Maine Sardines – Goodbye To All That

In Maine, Last Sardine Cannery in the U.S. Is Clattering Out reads the headline in the New York Times, over a story about the end of an era and with it the end of a lot of jobs,  in a place where not enough jobs has been a problem for generations.

Some examples from the comparatively recent past

Very affecting in its way, but as the story itself points out, you’d probably have to look long and hard for anyone who regarded this as a major loss to gastronomy.

Rugged, I guess, would be the word for Maine sardines: thick, meaty, insistently fishy without being otherwise flavorful,  packed in soy oil, in tomato sauce, in screaming yellow mustard. The only person I know who eats them is Lois, and I’m sure she does it more out of habit – and loyalty to local products – than anything else.

When I moved to Maine in the early 70’s, the once numerous sardine plants had been closing for years. But there were still 21 of them, including a couple right up the road in Rockland and another right across the river in Port Clyde. That’s what they were called, sardine plants, I don’t think I ever heard anyone from Maine call them canneries.

Nor did anyone think they were particularly romantic. The only good thing to be said for them was that they provided jobs, hard, dangerous, smelly jobs for women (I think the packers were all women) who didn’t have other options. There were no benefits. It was just classic piecework; the faster you packed the more you made, and being really, really fast was a source of considerable pride as well as a pretty good income.

Of course not being really, really fast was depressing, emotionally as well as financially, and the constant need for greater speed caused a great many painful, often serious injuries. Before automated processing, the first thing packers had to do as fast as possible was cut every fish down to size with heavy, razor-sharp shears.

With those shears we arrive at the gastronomic aspect: Maine sardines are not little fish, they’re the tails of mid-size herring. The rest of the fish (Clupea harengus), anywhere from 1/2  to ¾ of the whole, was sometimes sliced and canned as “fish steaks,” but most of it was sold to lobster fishermen for bait.

Other than being less expensive, Maine sardines simply can’t compete with alternatives like Scandinavian bristlings, aka very young sprats (Sprattus sprattus). Although bristlings are as fishy as the Maine article, their flavor is more interesting, with nutty overtones, and the texture is smoother without being mushy. Furthermore, they’re tiny, so eating them bones and all does not require pretending to enjoy the gritty crunch you get with bigger fish.

Please note there are 16 to 22 little fish in there. Maine sardines come 3 to 6 per can. Completely different animal.

The received wisdom seems to be that there’s no such thing as a “real sardine,” that almost anything small and oily (and canned) can qualify. But there IS a fish called Sardina pilchardus, caught among other places in the Mediterranean near Sardinia. It’s a sardine when small, a pilchard when  full grown, and it’s – usually – the fish chefs mean when they’re going on about fresh sardines.
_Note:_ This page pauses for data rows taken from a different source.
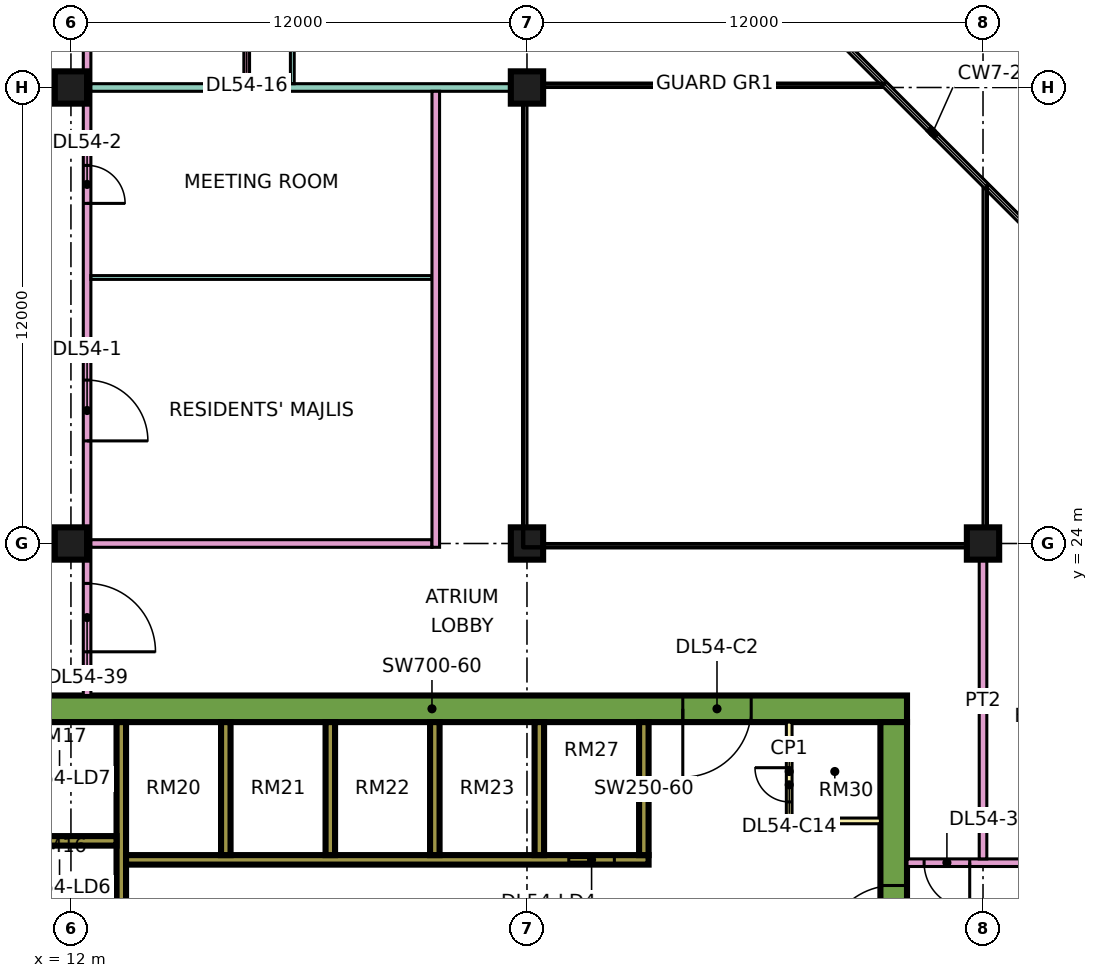
"""IFC4 building model, lengths in metres.
Left out: names, types, materials, properties, quantities, classifications, styles, units other than length and angle.
Written with IfcOpenShell. Run it as: python <this file> out.ifc"""

import sys

from ifc_helpers import new_model, si_unit, direction, frame, frame_2d, origin, origin_2d, place, context, subcontext, project, spatial, rectangle, extrude, element, fill, save


model = new_model("IFC4")
c1 = context("Model", 3, precision=1e-05, world=origin(), true_north=direction((0.0, 1.0)))
c2 = subcontext(c1, "Body", "Model", "MODEL_VIEW")
j1 = project(units=[si_unit("LENGTHUNIT", "METRE"), si_unit("PLANEANGLEUNIT", "RADIAN")], contexts=[c1])
p1 = place(None, origin())
s1 = spatial("IfcSite", under=j1, at=p1, CompositionType="ELEMENT")
p2 = place(p1, origin())
s2 = spatial("IfcBuilding", under=s1, at=p2, CompositionType="ELEMENT")
p3 = place(p2, frame((0.0, 0.0, 230.4)))
s3 = spatial("IfcBuildingStorey", under=s2, at=p3, CompositionType="ELEMENT", Elevation=230.4)
for number, where, z_axis, x_axis in (
    (1, (12.0, 24.0, 0.0), (0.0, 0.0, 1.0), (1.0, 0.0, 0.0)),
    (2, (12.0, 36.0, 0.0), (0.0, 0.0, 1.0), (1.0, 0.0, 0.0)),
    (3, (24.0, 24.0, 0.0), (0.0, 0.0, 1.0), (1.0, 0.0, 0.0)),
    (4, (24.0, 36.0, 0.0), (0.0, 0.0, 1.0), (1.0, 0.0, 0.0)),
    (5, (36.0, 24.0, 0.0), (0.0, 0.0, 1.0), (1.0, 0.0, 0.0)),
):
    element("IfcColumn", number, at=place(p3, frame(where, z_axis=z_axis, x_axis=x_axis)), inside=s3, PredefinedType="COLUMN", context=c2, shape_type="SweptSolid", body=[
        extrude(rectangle(XDim=0.85, YDim=0.85, at=origin_2d()), origin(), (0.0, 0.0, 1.0), 3.75),
    ])
p4 = place(p3, frame((9.0, 19.65, 0.0), z_axis=(0.0, 0.0, 1.0), x_axis=(1.0, 0.0, 0.0)))
e6 = element("IfcWall", 6, at=p4, inside=s3, PredefinedType="SHEAR", context=c2, shape_type="SweptSolid", body=[
    extrude(rectangle(XDim=25.0, YDim=0.7, at=frame_2d((12.5, 0.0))), origin(), (0.0, 0.0, 1.0), 3.75),
])
p5 = place(p4, frame((19.1, 0.0, 0.0)))
e7 = element("IfcOpeningElement", 7, at=p5, cuts=e6, PredefinedType="OPENING", context=c2, shape_type="SweptSolid", body=[
    extrude(rectangle(XDim=1.8, YDim=2.4, at=frame_2d((0.9, 1.2))), frame((0.0, 0.36, 0.0), z_axis=(0.0, -1.0, 0.0), x_axis=(1.0, 0.0, 0.0)), (0.0, 0.0, 1.0), 0.72),
])
p6 = place(p3, frame((33.65, 7.7, 0.0), z_axis=(0.0, 0.0, 1.0), x_axis=(0.0, 1.0, 0.0)))
e8 = element("IfcWall", 8, at=p6, inside=s3, PredefinedType="SHEAR", context=c2, shape_type="SweptSolid", body=[
    extrude(rectangle(XDim=11.6, YDim=0.7, at=frame_2d((5.8, 0.0))), origin(), (0.0, 0.0, 1.0), 3.75),
])
p7 = place(p6, frame((5.5, 0.0, 0.0)))
e9 = element("IfcOpeningElement", 9, at=p7, cuts=e8, PredefinedType="OPENING", context=c2, shape_type="SweptSolid", body=[
    extrude(rectangle(XDim=1.8, YDim=2.4, at=frame_2d((0.9, 1.2))), frame((0.0, 0.36, 0.0), z_axis=(0.0, -1.0, 0.0), x_axis=(1.0, 0.0, 0.0)), (0.0, 0.0, 1.0), 0.72),
])
p8 = place(p3, frame((13.325, 7.7, 0.0), z_axis=(0.0, 0.0, 1.0), x_axis=(0.0, 1.0, 0.0)))
e10 = element("IfcWall", 10, at=p8, inside=s3, PredefinedType="SHEAR", context=c2, shape_type="SweptSolid", body=[
    extrude(rectangle(XDim=11.6, YDim=0.25, at=frame_2d((5.8, 0.0))), origin(), (0.0, 0.0, 1.0), 3.75),
])
p9 = place(p3, frame((13.45, 15.675, 0.0), z_axis=(0.0, 0.0, 1.0), x_axis=(1.0, 0.0, 0.0)))
e11 = element("IfcWall", 11, at=p9, inside=s3, PredefinedType="SHEAR", context=c2, shape_type="SweptSolid", body=[
    extrude(rectangle(XDim=13.75, YDim=0.25, at=frame_2d((6.875, 0.0))), origin(), (0.0, 0.0, 1.0), 3.75),
])
p10 = place(p9, frame((11.65, 0.0, 0.0)))
e12 = element("IfcOpeningElement", 12, at=p10, cuts=e11, PredefinedType="OPENING", context=c2, shape_type="SweptSolid", body=[
    extrude(rectangle(XDim=1.2, YDim=2.2, at=frame_2d((0.6, 1.1))), frame((0.0, 0.135, 0.0), z_axis=(0.0, -1.0, 0.0), x_axis=(1.0, 0.0, 0.0)), (0.0, 0.0, 1.0), 0.27),
])
p11 = place(p3, frame((10.2, 16.175, 0.0), z_axis=(0.0, 0.0, 1.0), x_axis=(1.0, 0.0, 0.0)))
e13 = element("IfcWall", 13, at=p11, inside=s3, PredefinedType="SHEAR", context=c2, shape_type="SweptSolid", body=[
    extrude(rectangle(XDim=3.0, YDim=0.25, at=frame_2d((1.5, 0.0))), origin(), (0.0, 0.0, 1.0), 3.75),
])
for number, where, z_axis, x_axis in (
    (14, (16.075, 15.8, 0.0), (0.0, 0.0, 1.0), (0.0, 1.0, 0.0)),
    (15, (18.825, 15.8, 0.0), (0.0, 0.0, 1.0), (0.0, 1.0, 0.0)),
    (16, (21.575, 15.8, 0.0), (0.0, 0.0, 1.0), (0.0, 1.0, 0.0)),
    (17, (24.325, 15.8, 0.0), (0.0, 0.0, 1.0), (0.0, 1.0, 0.0)),
    (18, (27.075, 15.8, 0.0), (0.0, 0.0, 1.0), (0.0, 1.0, 0.0)),
):
    element("IfcWall", number, at=place(p3, frame(where, z_axis=z_axis, x_axis=x_axis)), inside=s3, PredefinedType="SHEAR", context=c2, shape_type="SweptSolid", body=[
        extrude(rectangle(XDim=3.5, YDim=0.25, at=frame_2d((1.75, 0.0))), origin(), (0.0, 0.0, 1.0), 3.75),
    ])
p12 = place(p3, frame((30.9, 16.7, 0.0), z_axis=(0.0, 0.0, 1.0), x_axis=(0.0, 1.0, 0.0)))
e19 = element("IfcWall", 19, at=p12, inside=s3, PredefinedType="PARTITIONING", context=c2, shape_type="SweptSolid", body=[
    extrude(rectangle(XDim=2.6, YDim=0.15, at=frame_2d((1.3, 0.0))), origin(), (0.0, 0.0, 1.0), 3.35),
])
p13 = place(p12, frame((0.5, 0.0, 0.0)))
e20 = element("IfcOpeningElement", 20, at=p13, cuts=e19, PredefinedType="OPENING", context=c2, shape_type="SweptSolid", body=[
    extrude(rectangle(XDim=0.9, YDim=2.1, at=frame_2d((0.45, 1.05))), frame((0.0, 0.085, 0.0), z_axis=(0.0, -1.0, 0.0), x_axis=(1.0, 0.0, 0.0)), (0.0, 0.0, 1.0), 0.17),
])
p14 = place(p3, frame((30.9, 16.7, 0.0), z_axis=(0.0, 0.0, 1.0), x_axis=(1.0, 0.0, 0.0)))
e21 = element("IfcWall", 21, at=p14, inside=s3, PredefinedType="PARTITIONING", context=c2, shape_type="SweptSolid", body=[
    extrude(rectangle(XDim=2.4, YDim=0.15, at=frame_2d((1.2, 0.0))), origin(), (0.0, 0.0, 1.0), 3.35),
])
p15 = place(p3, frame((12.425, 20.0, 0.0), z_axis=(0.0, 0.0, 1.0), x_axis=(0.0, 1.0, 0.0)))
e22 = element("IfcWall", 22, at=p15, inside=s3, PredefinedType="PARTITIONING", context=c2, shape_type="SweptSolid", body=[
    extrude(rectangle(XDim=42.926, YDim=0.2, at=frame_2d((21.463, 0.0))), origin(), (0.0, 0.0, 1.0), 3.35),
])
p16 = place(p15, frame((6.7, 0.0, 0.0)))
e23 = element("IfcOpeningElement", 23, at=p16, cuts=e22, PredefinedType="OPENING", context=c2, shape_type="SweptSolid", body=[
    extrude(rectangle(XDim=1.6, YDim=2.1, at=frame_2d((0.8, 1.05))), frame((0.0, 0.11, 0.0), z_axis=(0.0, -1.0, 0.0), x_axis=(1.0, 0.0, 0.0)), (0.0, 0.0, 1.0), 0.22),
])
p17 = place(p15, frame((12.95, 0.0, 0.0)))
e24 = element("IfcOpeningElement", 24, at=p17, cuts=e22, PredefinedType="OPENING", context=c2, shape_type="SweptSolid", body=[
    extrude(rectangle(XDim=1.0, YDim=2.1, at=frame_2d((0.5, 1.05))), frame((0.0, 0.11, 0.0), z_axis=(0.0, -1.0, 0.0), x_axis=(1.0, 0.0, 0.0)), (0.0, 0.0, 1.0), 0.22),
])
p18 = place(p15, frame((23.2, 0.0, 0.0)))
e25 = element("IfcOpeningElement", 25, at=p18, cuts=e22, PredefinedType="OPENING", context=c2, shape_type="SweptSolid", body=[
    extrude(rectangle(XDim=1.0, YDim=2.1, at=frame_2d((0.5, 1.05))), frame((0.0, 0.11, 0.0), z_axis=(0.0, -1.0, 0.0), x_axis=(1.0, 0.0, 0.0)), (0.0, 0.0, 1.0), 0.22),
])
p19 = place(p15, frame((35.35, 0.0, 0.0)))
e26 = element("IfcOpeningElement", 26, at=p19, cuts=e22, PredefinedType="OPENING", context=c2, shape_type="SweptSolid", body=[
    extrude(rectangle(XDim=1.0, YDim=2.1, at=frame_2d((0.5, 1.05))), frame((0.0, 0.11, 0.0), z_axis=(0.0, -1.0, 0.0), x_axis=(1.0, 0.0, 0.0)), (0.0, 0.0, 1.0), 0.22),
])
p20 = place(p15, frame((1.15, 0.0, 0.0)))
e27 = element("IfcOpeningElement", 27, at=p20, cuts=e22, PredefinedType="OPENING", context=c2, shape_type="SweptSolid", body=[
    extrude(rectangle(XDim=1.8, YDim=2.1, at=frame_2d((0.9, 1.05))), frame((0.0, 0.11, 0.0), z_axis=(0.0, -1.0, 0.0), x_axis=(1.0, 0.0, 0.0)), (0.0, 0.0, 1.0), 0.22),
])
p21 = place(p15, frame((28.6, 0.0, 0.0)))
e28 = element("IfcOpeningElement", 28, at=p21, cuts=e22, PredefinedType="OPENING", context=c2, shape_type="SweptSolid", body=[
    extrude(rectangle(XDim=1.8, YDim=2.1, at=frame_2d((0.9, 1.05))), frame((0.0, 0.11, 0.0), z_axis=(0.0, -1.0, 0.0), x_axis=(1.0, 0.0, 0.0)), (0.0, 0.0, 1.0), 0.22),
])
p22 = place(p3, frame((12.525, 24.0, 0.0), z_axis=(0.0, 0.0, 1.0), x_axis=(1.0, 0.0, 0.0)))
e29 = element("IfcWall", 29, at=p22, inside=s3, PredefinedType="PARTITIONING", context=c2, shape_type="SweptSolid", body=[
    extrude(rectangle(XDim=8.975, YDim=0.2, at=frame_2d((4.488, 0.0))), origin(), (0.0, 0.0, 1.0), 3.35),
])
p23 = place(p3, frame((12.525, 31.0, 0.0), z_axis=(0.0, 0.0, 1.0), x_axis=(1.0, 0.0, 0.0)))
e30 = element("IfcWall", 30, at=p23, inside=s3, PredefinedType="PARTITIONING", context=c2, shape_type="SweptSolid", body=[
    extrude(rectangle(XDim=8.975, YDim=0.1, at=frame_2d((4.488, 0.0))), origin(), (0.0, 0.0, 1.0), 3.35),
])
p24 = place(p3, frame((12.525, 36.0, 0.0), z_axis=(0.0, 0.0, 1.0), x_axis=(1.0, 0.0, 0.0)))
e31 = element("IfcWall", 31, at=p24, inside=s3, PredefinedType="PARTITIONING", context=c2, shape_type="SweptSolid", body=[
    extrude(rectangle(XDim=11.475, YDim=0.2, at=frame_2d((5.738, 0.0))), origin(), (0.0, 0.0, 1.0), 3.35),
])
p25 = place(p3, frame((16.625, 36.1, 0.0), z_axis=(0.0, 0.0, 1.0), x_axis=(0.0, 1.0, 0.0)))
e32 = element("IfcWall", 32, at=p25, inside=s3, PredefinedType="PARTITIONING", context=c2, shape_type="SweptSolid", body=[
    extrude(rectangle(XDim=6.275, YDim=0.15, at=frame_2d((3.137, 0.0))), origin(), (0.0, 0.0, 1.0), 3.35),
])
p26 = place(p25, frame((1.1, 0.0, 0.0)))
e33 = element("IfcOpeningElement", 33, at=p26, cuts=e32, PredefinedType="OPENING", context=c2, shape_type="SweptSolid", body=[
    extrude(rectangle(XDim=0.9, YDim=2.1, at=frame_2d((0.45, 1.05))), frame((0.0, 0.085, 0.0), z_axis=(0.0, -1.0, 0.0), x_axis=(1.0, 0.0, 0.0)), (0.0, 0.0, 1.0), 0.17),
])
p27 = place(p3, frame((17.825, 36.1, 0.0), z_axis=(0.0, 0.0, 1.0), x_axis=(0.0, 1.0, 0.0)))
e34 = element("IfcWall", 34, at=p27, inside=s3, PredefinedType="PARTITIONING", context=c2, shape_type="SweptSolid", body=[
    extrude(rectangle(XDim=2.85, YDim=0.1, at=frame_2d((1.425, 0.0))), origin(), (0.0, 0.0, 1.0), 3.35),
])
p28 = place(p27, frame((0.95, 0.0, 0.0)))
e35 = element("IfcOpeningElement", 35, at=p28, cuts=e34, PredefinedType="OPENING", context=c2, shape_type="SweptSolid", body=[
    extrude(rectangle(XDim=0.9, YDim=2.1, at=frame_2d((0.45, 1.05))), frame((0.0, 0.06, 0.0), z_axis=(0.0, -1.0, 0.0), x_axis=(1.0, 0.0, 0.0)), (0.0, 0.0, 1.0), 0.12),
])
p29 = place(p3, frame((21.6, 23.9, 0.0), z_axis=(0.0, 0.0, 1.0), x_axis=(0.0, 1.0, 0.0)))
e36 = element("IfcWall", 36, at=p29, inside=s3, PredefinedType="PARTITIONING", context=c2, shape_type="SweptSolid", body=[
    extrude(rectangle(XDim=12.0, YDim=0.2, at=frame_2d((6.0, 0.0))), origin(), (0.0, 0.0, 1.0), 3.35),
])
p30 = place(p3, frame((34.0, 15.6, 0.0), z_axis=(0.0, 0.0, 1.0), x_axis=(1.0, 0.0, 0.0)))
e37 = element("IfcWall", 37, at=p30, inside=s3, PredefinedType="PARTITIONING", context=c2, shape_type="SweptSolid", body=[
    extrude(rectangle(XDim=10.35, YDim=0.2, at=frame_2d((5.175, 0.0))), origin(), (0.0, 0.0, 1.0), 3.35),
])
p31 = place(p30, frame((5.6, 0.0, 0.0)))
e38 = element("IfcOpeningElement", 38, at=p31, cuts=e37, PredefinedType="OPENING", context=c2, shape_type="SweptSolid", body=[
    extrude(rectangle(XDim=1.0, YDim=2.1, at=frame_2d((0.5, 1.05))), frame((0.0, 0.11, 0.0), z_axis=(0.0, -1.0, 0.0), x_axis=(1.0, 0.0, 0.0)), (0.0, 0.0, 1.0), 0.22),
])
p32 = place(p30, frame((0.45, 0.0, 0.0)))
e39 = element("IfcOpeningElement", 39, at=p32, cuts=e37, PredefinedType="OPENING", context=c2, shape_type="SweptSolid", body=[
    extrude(rectangle(XDim=1.2, YDim=2.1, at=frame_2d((0.6, 1.05))), frame((0.0, 0.11, 0.0), z_axis=(0.0, -1.0, 0.0), x_axis=(1.0, 0.0, 0.0)), (0.0, 0.0, 1.0), 0.22),
])
p33 = place(p3, frame((36.0, 15.7, 0.0), z_axis=(0.0, 0.0, 1.0), x_axis=(0.0, 1.0, 0.0)))
e40 = element("IfcWall", 40, at=p33, inside=s3, PredefinedType="PARTITIONING", context=c2, shape_type="SweptSolid", body=[
    extrude(rectangle(XDim=8.3, YDim=0.2, at=frame_2d((4.15, 0.0))), origin(), (0.0, 0.0, 1.0), 3.35),
])
p34 = place(p10, origin())
e41 = element("IfcDoor", 41, at=p34, inside=s3, OperationType="DOUBLE_DOOR_SLIDING", PredefinedType="DOOR", context=c2, shape_type="SweptSolid", body=[
    extrude(rectangle(XDim=1.2, YDim=2.2, at=frame_2d((0.6, 1.1))), frame((0.0, 0.025, 0.0), z_axis=(0.0, -1.0, 0.0), x_axis=(1.0, 0.0, 0.0)), (0.0, 0.0, 1.0), 0.05),
])
fill(e12, e41)
p35 = place(p7, origin())
e42 = element("IfcDoor", 42, at=p35, inside=s3, OperationType="DOUBLE_DOOR_SINGLE_SWING", PredefinedType="DOOR", context=c2, shape_type="SweptSolid", body=[
    extrude(rectangle(XDim=1.8, YDim=2.4, at=frame_2d((0.9, 1.2))), frame((0.0, 0.025, 0.0), z_axis=(0.0, -1.0, 0.0), x_axis=(1.0, 0.0, 0.0)), (0.0, 0.0, 1.0), 0.05),
])
fill(e9, e42)
p36 = place(p5, frame((1.8, 0.0, 0.0), z_axis=(0.0, 0.0, 1.0), x_axis=(-1.0, 0.0, 0.0)))
e43 = element("IfcDoor", 43, at=p36, inside=s3, OperationType="DOUBLE_DOOR_SINGLE_SWING", PredefinedType="DOOR", context=c2, shape_type="SweptSolid", body=[
    extrude(rectangle(XDim=1.8, YDim=2.4, at=frame_2d((0.9, 1.2))), frame((0.0, 0.025, 0.0), z_axis=(0.0, -1.0, 0.0), x_axis=(1.0, 0.0, 0.0)), (0.0, 0.0, 1.0), 0.05),
])
fill(e7, e43)
p37 = place(p13, frame((0.9, 0.0, 0.0), z_axis=(0.0, 0.0, 1.0), x_axis=(-1.0, 0.0, 0.0)))
e44 = element("IfcDoor", 44, at=p37, inside=s3, OperationType="SINGLE_SWING_RIGHT", PredefinedType="DOOR", context=c2, shape_type="SweptSolid", body=[
    extrude(rectangle(XDim=0.9, YDim=2.1, at=frame_2d((0.45, 1.05))), frame((0.0, 0.025, 0.0), z_axis=(0.0, -1.0, 0.0), x_axis=(1.0, 0.0, 0.0)), (0.0, 0.0, 1.0), 0.05),
])
fill(e20, e44)
p38 = place(p16, frame((1.6, 0.0, 0.0), z_axis=(0.0, 0.0, 1.0), x_axis=(-1.0, 0.0, 0.0)))
e45 = element("IfcDoor", 45, at=p38, inside=s3, OperationType="DOUBLE_DOOR_SINGLE_SWING", PredefinedType="DOOR", context=c2, shape_type="SweptSolid", body=[
    extrude(rectangle(XDim=1.6, YDim=2.1, at=frame_2d((0.8, 1.05))), frame((0.0, 0.025, 0.0), z_axis=(0.0, -1.0, 0.0), x_axis=(1.0, 0.0, 0.0)), (0.0, 0.0, 1.0), 0.05),
])
fill(e23, e45)
p39 = place(p17, frame((1.0, 0.0, 0.0), z_axis=(0.0, 0.0, 1.0), x_axis=(-1.0, 0.0, 0.0)))
e46 = element("IfcDoor", 46, at=p39, inside=s3, OperationType="SINGLE_SWING_LEFT", PredefinedType="DOOR", context=c2, shape_type="SweptSolid", body=[
    extrude(rectangle(XDim=1.0, YDim=2.1, at=frame_2d((0.5, 1.05))), frame((0.0, 0.025, 0.0), z_axis=(0.0, -1.0, 0.0), x_axis=(1.0, 0.0, 0.0)), (0.0, 0.0, 1.0), 0.05),
])
fill(e24, e46)
p40 = place(p32, origin())
e47 = element("IfcDoor", 47, at=p40, inside=s3, OperationType="SINGLE_SWING_RIGHT", PredefinedType="DOOR", context=c2, shape_type="SweptSolid", body=[
    extrude(rectangle(XDim=1.2, YDim=2.1, at=frame_2d((0.6, 1.05))), frame((0.0, 0.025, 0.0), z_axis=(0.0, -1.0, 0.0), x_axis=(1.0, 0.0, 0.0)), (0.0, 0.0, 1.0), 0.05),
])
fill(e39, e47)
p41 = place(p20, frame((1.8, 0.0, 0.0), z_axis=(0.0, 0.0, 1.0), x_axis=(-1.0, 0.0, 0.0)))
e48 = element("IfcDoor", 48, at=p41, inside=s3, OperationType="DOUBLE_DOOR_SINGLE_SWING", PredefinedType="DOOR", context=c2, shape_type="SweptSolid", body=[
    extrude(rectangle(XDim=1.8, YDim=2.1, at=frame_2d((0.9, 1.05))), frame((0.0, 0.025, 0.0), z_axis=(0.0, -1.0, 0.0), x_axis=(1.0, 0.0, 0.0)), (0.0, 0.0, 1.0), 0.05),
])
fill(e27, e48)
save(model, sys.argv[1])

Somewhere around 1980 the UN’s Codex Alimentarius Commission decided that there were 19 species that could be canned as sardines, but all except S. pilchardus had to have some kind of qualifier (country, other place name or common name of the species) on the label. Sounds like first among equals to me. Plus I’m pretty sure S. pilchardus was the first sardine to be canned – in France, in 1826.

Something unfortunate has happened; my brain has been hijacked. Can’t get the song out of my head:

Oh my Darling, Oh my darling, Oh my daarling Clementine…sardine boxes without topses sandals were for Clementine.

Only cure is to go out and plant some sweet peas, hoping I’m not too late instead of too early.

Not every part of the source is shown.